Comparative Analysis of Gene Expression in the Developing Roots and Root Hairs Across Vascular Plants.

Abstract

The evolution of the plant root is one of the remarkable examples of land plants’ adaptation to the terrestrial environment. The root and root hairs are found in almost all vascular plants, making them good models to study the conservation and diversification of adaptations in different vascular lineages. The molecular basis of root and root hair development has been intensively studied in the model organism Arabidopsis thaliana and many of the key regulators have been elucidated over the past 20 years. However, little is known about the molecular basis of root and root hair development in other vascular plants, which prevents a detailed understanding of root and root hair adaptation at a mechanistic level.
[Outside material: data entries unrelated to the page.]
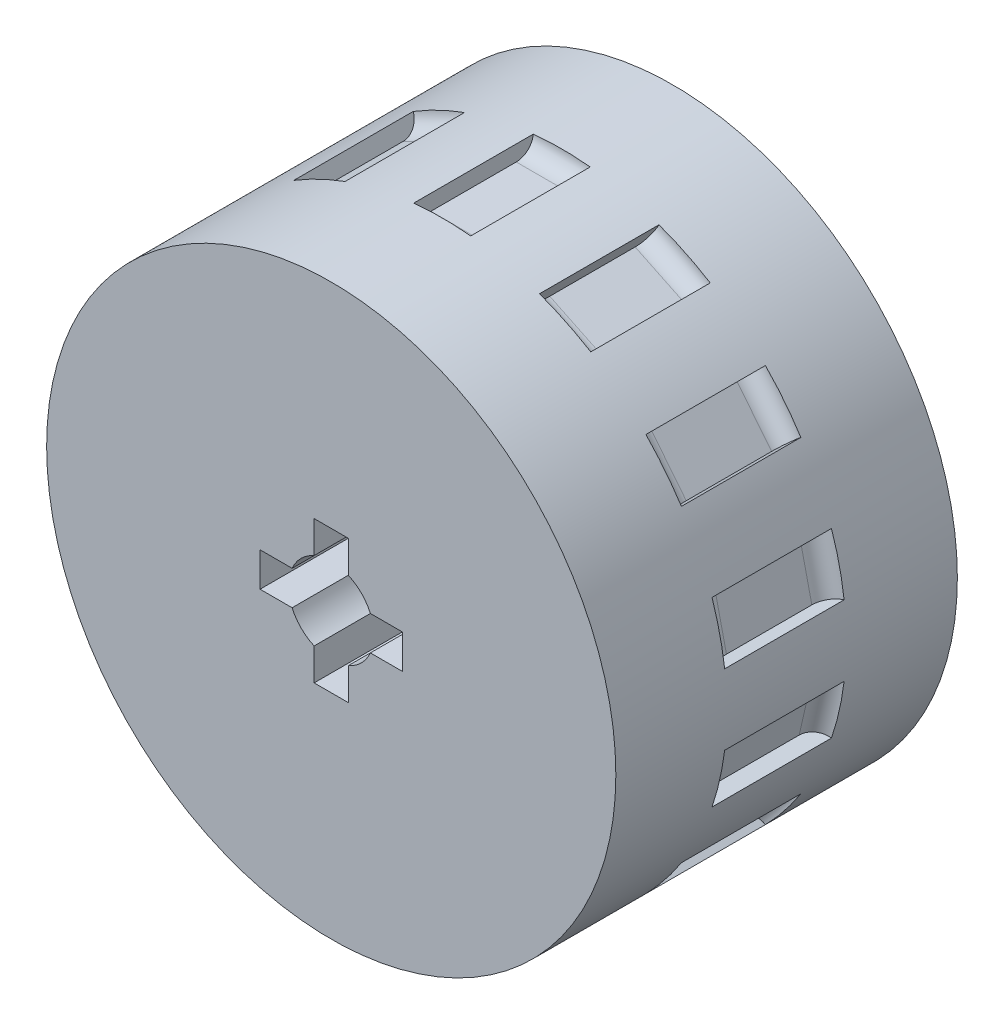
from build123d import *

# Parameters (mm, degrees)
SKETCH_1_R               = 50
EXTRUDE_1_DEPTH          = 60
EXTRUDE_START            = 5
SKETCH_2_R               = 13
SKETCH_2_R_2             = 7.5
EXTRUDE_1_2_DEPTH        = 5
CUT_EXTRUDE_1_DEPTH      = 5
PATTERN_CIRCULAR_1_COUNT = 14


with BuildPart() as part:
    # 草图1 → Extrude 1 (new body)
    with BuildSketch(Plane.XY):
        with Locations(Location((0, 0, 0), (0, 0, 180))):
            Circle(SKETCH_1_R)
        with BuildLine():
            Line((3, -6.873863542), (3, -12.5))
            Line((3, -12.5), (-3, -12.5))
            Line((-3, -12.5), (-3, -6.873863542))
            ThreePointArc((-3, -6.873863542), (-5.303300859, -5.303300859), (-6.873863542, -3))
            Line((-6.873863542, -3), (-12.5, -3))
            Line((-12.5, -3), (-12.5, 3))
            Line((-12.5, 3), (-6.873863542, 3))
            ThreePointArc((-6.873863542, 3), (-5.303300859, 5.303300859), (-3, 6.873863542))
            Line((-3, 6.873863542), (-3, 12.5))
            Line((-3, 12.5), (3, 12.5))
            Line((3, 12.5), (3, 6.873863542))
            ThreePointArc((3, 6.873863542), (5.303300859, 5.303300859), (6.873863542, 3))
            Line((6.873863542, 3), (12.5, 3))
            Line((12.5, 3), (12.5, -3))
            Line((12.5, -3), (6.873863542, -3))
            ThreePointArc((6.873863542, -3), (5.303300859, -5.303300859), (3, -6.873863542))
        make_face(mode=Mode.SUBTRACT)
    extrude(amount=EXTRUDE_1_DEPTH)

    # 草图2 → Extrude 1 2 (add)
    with BuildSketch(Plane(origin=(0, 0, 0), x_dir=(-1, 0, 0), z_dir=(0, 0, -1)).offset(EXTRUDE_START)):
        Circle(SKETCH_2_R)
        Circle(SKETCH_2_R_2, mode=Mode.SUBTRACT)
    extrude(amount=-EXTRUDE_1_2_DEPTH)

    # 草图3 → 切除-拉伸1 (cut, symmetric)
    with BuildSketch(Plane(origin=(0, 0, 0), x_dir=(0, 0, -1), z_dir=(1, 0, 0))):
        with BuildLine():
            Line((-37.5, 53), (-22.5, 53))
            ThreePointArc((-22.5, 53), (-19.5, 50), (-22.5, 47))
            Line((-22.5, 47), (-37.5, 47))
            ThreePointArc((-37.5, 47), (-40.5, 50), (-37.5, 53))
        make_face()
    cut_extrude_1 = extrude(amount=CUT_EXTRUDE_1_DEPTH, both=True, mode=Mode.SUBTRACT)

    # 阵列(圆周)1: 切除-拉伸1 ×14 about axis
    pattern_circular_1_axis = Axis((0, 0, 0), (0, 0, 1))
    for i in range(1, PATTERN_CIRCULAR_1_COUNT):
        add(cut_extrude_1.rotate(pattern_circular_1_axis, i * 360 / PATTERN_CIRCULAR_1_COUNT), mode=Mode.SUBTRACT)


solid = part.part

In this thesis project, I compared the gene expression programs in seven vascular plants to find the conserved/diversified regulators in root and root hair development. First, I defined temporal transcript accumulation profiles generated from three root development zones in seven vascular plants and found significant family-wise gene expression similarity between these plants. Next, I found that most of the 133 Arabidopsis key root development genes are used in all vascular plants, including Selaginella moellendorffii, which is thought to have evolved roots independently. These results suggest broad conservation in the molecular mechanisms employed during root formation. Next, I defined the root hair transcriptome in Arabidopsis and rice and found significant conservation in the two species. However, a subset of 563 genes regulated by ROOT HAIR DEFECTIVE 6 (RHD6) exhibited less conservation compared to the total root-hair-expressed genes. This divergence in the family structure and gene expression is found in other vascular plants as well. I further analyzed the Arabidopsis root hair patterning genes in other vascular plants and identified a substantial difference in their expression patterns. These results suggest lineage specific diversification in the structure and expression of the root hair development genes in Arabidopsis. Altogether, this thesis work revealed broad conservation of gene expression programs for root formation in all vascular plants and lineage specific diversification for root-hair cell differentiation in Arabidopsis.